第43回「関ヶ原の戦い」よりNHK「家康ギャラリー」

先日の『どうする家康』第43回の放送で、関ヶ原の戦いが描かれた。劇中では、小早川秀秋は西軍(石田三成ら)と東軍(徳川家康ら)を両天秤にかけるしたたかさを見せていた。徳川家康からの「問鉄砲」におびえて、あわてて西軍から東軍に寝返る従来の軟弱な秀秋像を一新するものだったが、おそらく白峰旬氏らの新説を参照したものと思われる。

白峰氏によれば、小早川秀秋は関ヶ原合戦開戦前から東軍への寝返りを決断しており、事実上、東軍として活動していたという。

すなわち「秀秋は伏見落城後、石田三成が伊勢の安濃津城攻めに行くように指図したにもかかわらず、これに従わず関地蔵から引き返して近江の高宮に陣を取り、このため石田三成などから『二心あり』と疑われるようになった。

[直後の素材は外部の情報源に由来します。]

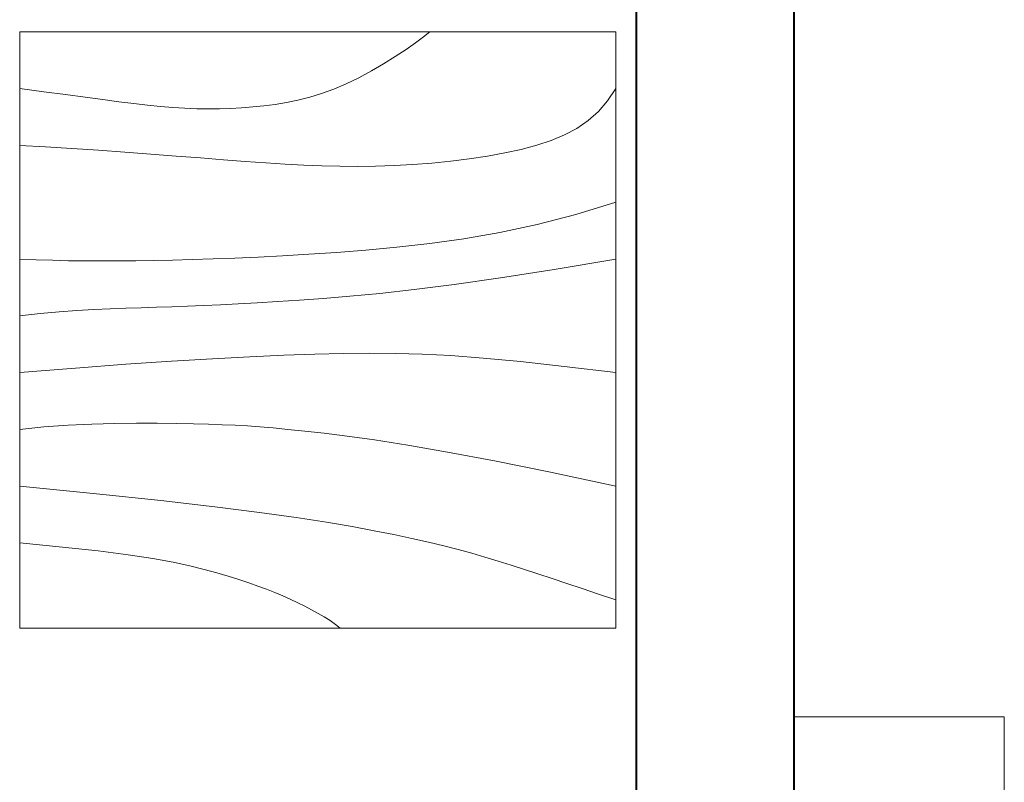
# Model space of a CAD drawing. Units: inches. Extents: x -301 to 715, y -607 to 364.
# Tile 115 of 141: x 89 to 145, y 149 to 192. Entities that reach past the tile are written whole.
import ezdxf

# ---------------------------------------------------------------- set-up
doc = ezdxf.new("R2010")
doc.units = ezdxf.units.IN
doc.header["$MEASUREMENT"] = 0
doc.linetypes.add('ACAD_ISO02W100', pattern=[15, 12, -3])
for name, color, linetype, lineweight in [('A-FURN', 8, 'Continuous', 18), ('A-GLAZ-OVHD', 2, 'ACAD_ISO02W100', 18), ('A-WALL', 3, 'Continuous', 40)]:
    doc.layers.add(name, color=color, linetype=linetype, lineweight=lineweight)

# ---------------------------------------------------------------- blocks, each defined once
blk = doc.blocks.new('Table - Square Woodgrain 42 x 42 in.')
blk.add_line((0, -42), (42, -42))
for points in [[(0, -4), (1.704, -4.2172), (3.2358, -4.4188), (4.615, -4.604), (5.8615, -4.7721), (6.9951, -4.9224), (8.0357, -5.0541), (9.0031, -5.1667), (9.9171, -5.2594), (10.7951, -5.3316), (11.6445, -5.3836), (12.4702, -5.4157), (13.277, -5.4283), (14.0698, -5.4217), (14.8535, -5.3964), (15.6331, -5.3526), (16.4133, -5.2908), (17.1986, -5.2103), (17.9913, -5.1062), (18.793, -4.9727), (19.6056, -4.8038), (20.4307, -4.5937), (21.2701, -4.3365), (22.1256, -4.0262), (22.9989, -3.6571), (23.888, -3.2272), (24.7756, -2.7516), (25.6408, -2.2491), (26.4624, -1.7387), (27.2195, -1.2395), (27.891, -0.7703), (28.456, -0.3501), (28.8934, 0.002)], [(0, -42), (0, 0), (42, 0), (42, -42)], [(0, -8), (1.8203, -8.1001), (3.6741, -8.2149), (5.5411, -8.3408), (7.4011, -8.4741), (9.2339, -8.6112), (11.0193, -8.7484), (12.7371, -8.8821), (14.3671, -9.0086), (15.8954, -9.1246), (17.3337, -9.2278), (18.6997, -9.3159), (20.0116, -9.387), (21.2871, -9.4389), (22.5442, -9.4696), (23.8008, -9.477), (25.0749, -9.459), (26.3791, -9.4137), (27.7049, -9.3403), (29.0383, -9.2382), (30.3655, -9.1068), (31.6728, -8.9455), (32.9461, -8.7535), (34.1717, -8.5304), (35.3358, -8.2756), (36.4268, -7.9863), (37.443, -7.6521), (38.3849, -7.2603), (39.253, -6.7986), (40.048, -6.2542), (40.7705, -5.6147), (41.421, -4.8674), (42, -4)], [(42, -12), (39.1784, -12.8621), (36.4519, -13.5654), (33.8246, -14.1294), (31.3004, -14.5731), (28.8832, -14.9161), (26.577, -15.1775), (24.3858, -15.3768), (22.3136, -15.5332), (20.3622, -15.6632), (18.5254, -15.7718), (16.7947, -15.8612), (15.1618, -15.9338), (13.6183, -15.9916), (12.1558, -16.0369), (10.7659, -16.0718), (9.4403, -16.0987), (8.1703, -16.1191), (6.9461, -16.1325), (5.7577, -16.1377), (4.595, -16.1335), (3.4479, -16.1188), (2.3064, -16.0924), (1.1604, -16.0532), (0, -16)], [(42, -16), (37.6529, -16.7365), (33.8802, -17.329), (30.6179, -17.7961), (27.8015, -18.1561), (25.3668, -18.4275), (23.2497, -18.6288), (21.3859, -18.7785), (19.7111, -18.8949), (18.1693, -18.9939), (16.7375, -19.0795), (15.401, -19.1534), (14.1449, -19.217), (12.9544, -19.2717), (11.8148, -19.3191), (10.7113, -19.3606), (9.6291, -19.3976), (8.5534, -19.4323), (7.47, -19.4689), (6.3643, -19.5122), (5.222, -19.5672), (4.0288, -19.6386), (2.7703, -19.7313), (1.4321, -19.8501), (0, -20)], [(0, -24), (3.9243, -23.6805), (7.4766, -23.4138), (10.6891, -23.1954), (13.5943, -23.0205), (16.2247, -22.8847), (18.6125, -22.7832), (20.7903, -22.7116), (22.7903, -22.6651), (24.6563, -22.642), (26.4764, -22.6507), (28.35, -22.7024), (30.3766, -22.8084), (32.6555, -22.98), (35.2861, -23.2283), (38.3678, -23.5645), (42, -24)], [(42, -32), (37.392, -31.017), (33.4585, -30.2231), (30.1291, -29.5949), (27.3334, -29.109), (25.0009, -28.742), (23.0612, -28.4707), (21.4439, -28.2716), (20.0786, -28.1215), (18.8998, -28.0002), (17.8609, -27.9014), (16.9206, -27.8219), (16.0371, -27.7588), (15.1691, -27.709), (14.2748, -27.6693), (13.3128, -27.6368), (12.2415, -27.6083), (11.0295, -27.5824), (9.6867, -27.5643), (8.233, -27.5608), (6.6884, -27.5787), (5.0728, -27.6248), (3.4062, -27.7058), (1.7086, -27.8286), (0, -28)], [(0, -32), (5.4026, -32.5358), (9.9494, -33.019), (13.7424, -33.4553), (16.8834, -33.8505), (19.4743, -34.2106), (21.6171, -34.5413), (23.4136, -34.8486), (24.9657, -35.1382), (26.3614, -35.4156), (27.6332, -35.6841), (28.7995, -35.9467), (29.8788, -36.2064), (30.8897, -36.4661), (31.8507, -36.7288), (32.7802, -36.9973), (33.6968, -37.2747), (34.6175, -37.5635), (35.5531, -37.8651), (36.5128, -38.1805), (37.506, -38.5108), (38.5421, -38.8568), (39.6302, -39.2197), (40.7797, -39.6004), (42, -40)], [(0, -36), (3.0098, -36.2857), (5.5354, -36.5643), (7.6368, -36.8359), (9.374, -37.1009), (10.807, -37.3597), (11.9957, -37.6126), (13.0002, -37.8599), (13.8804, -38.102), (14.6874, -38.3393), (15.4365, -38.5729), (16.1338, -38.8041), (16.7858, -39.0341), (17.3987, -39.264), (17.9787, -39.4952), (18.5322, -39.7288), (19.0655, -39.9662), (19.5832, -40.2081), (20.0842, -40.4544), (20.5657, -40.7046), (21.0249, -40.9581), (21.459, -41.2144), (21.8653, -41.4731), (22.2409, -41.7335), (22.5831, -41.9951)]]:
    blk.add_lwpolyline(points)
blk = doc.blocks.new('WIN-SHADE-50')
at = {"ltscale": 1.5}
for p, q in [((0, 0), (0, 12)), ((50, 12), (0, 12)), ((5, 0), (0, 0))]:
    blk.add_line(p, q, dxfattribs=at)

msp = doc.modelspace()

# ---------------------------------------------------------------- linework, layer by layer
at = {"layer": 'A-WALL'}
for p, q in [((132.897, -9.818), (132.897, 199.182)), ((123.897, -9.818), (123.897, 193.182))]:
    msp.add_line(p, q, dxfattribs=at)

# ---------------------------------------------------------------- block references
at = {"layer": 'A-FURN', "xscale": 0.8107193059798699, "yscale": 0.8107193059798699, "zscale": 0.8107193059798699}
msp.add_blockref('Table - Square Woodgrain 42 x 42 in.', (88.66, 191.795), dxfattribs=at)
at = {"layer": 'A-GLAZ-OVHD', "rotation": 270.0000000000001}
msp.add_blockref('WIN-SHADE-50', (132.896, 152.682), dxfattribs=at)

doc.saveas('drawing.dxf')

そして、佐和山城にいた大谷吉継が秀秋を欺いて招き捕らえようとしたり、平塚為広と戸田重政を使者として高宮に遣わし秀秋に直接対面して討とうとした。その後、秀秋は近江の柏原に陣を移したところ、石田三成などが謀議して秀秋の陣を攻めようとしたので、稲葉正成は諸士と相談して兵力を率いて美濃国に行き、九月十四日に松尾山の新城に入り、その城主である伊藤盛正を排除した」と述べている(白峰旬「関ヶ原の戦いに関する再検討」『別府大学大学院紀要』10、2008年)。

この白峰氏の指摘が正しければ、西軍の武将を実力で排除している以上、関ヶ原合戦前日の時点で、小早川秀秋は明確に東軍に加担していたことになる。

高橋陽介氏も白峰説を踏襲し、「松尾山には伊藤盛正(大柿三万四〇〇〇石の領主)が入って普請をしていたが、秀秋率いる部隊はそれを追い出して、松尾山を占拠した。これは西軍に対する明確な敵対行為である。したがって、大柿の三成らが、秀秋の寝返りを知ったのは、九月一五日の昼ではなく、一四日の夜であるということになる」と語っている(乃至政彦・高橋陽介『天下分け目の関ヶ原の合戦はなかった 一次史料が伝える〟通説を根底から覆す〟真実とは』河出書房新社、2021年)。

さらに白峰・高橋両氏は、石田三成らが大垣城から関ヶ原に移動したのは、徳川家康に誘い出されたからではなく、小早川秀秋の寝返りを察知し、関ヶ原にいる大谷吉継を救援するためだった、と論じている。

すなわち白峰氏は、吉川広家自筆書状案に「小早川秀秋は逆意がはっきりする状況になったので、大柿衆(大垣城にいた諸将)は、山中の大谷吉継の陣は心元なくなったということで、(大垣城から)引き取った(移動した)」と書かれていることに注目している。高橋氏も吉川広家自筆書状案や家康の侍医である板坂卜斎(2代目)が記した『慶長年中卜斎記』の記述を根拠に、「小早川秀秋の寝返りを知った三成は、秀家・行長・維新の諸隊を率いて、秀秋を討つべく、雨の降るなか、山中方面へ向かった」と叙述している。

白峰説の史料的根拠は、『寛永諸家系図伝』・『寛政重修諸家譜』の稲葉正成(妻は春日局)の項である。稲葉正成は小早川家改易後、牢人を経て徳川家康に仕え、その子孫は大名として存続した(淀藩)。正成が関ヶ原合戦に小早川家臣として参加していたとすると、藩祖正成の名誉のためにも、稲葉家としては「小早川勢が関ヶ原合戦以前から東軍についていた」と主張する必要があった。ゆえに『寛永諸家系図伝』『寛政重修諸家譜』の記述は鵜呑みにはできない。

実際、白峰氏も2008年の論文では、「『寛永諸家系図伝』、『寛政重修諸家譜』が幕府へ提出された家譜であるという性格を考慮すると、『寛永諸家系図伝』や『寛政重修諸家譜』の稲葉正成の項における松尾山入城までの経緯について、秀秋と稲葉正成がいかに反石田三成の立場で軍事行動をしたか、という文脈で書かれている点には注意が必要である。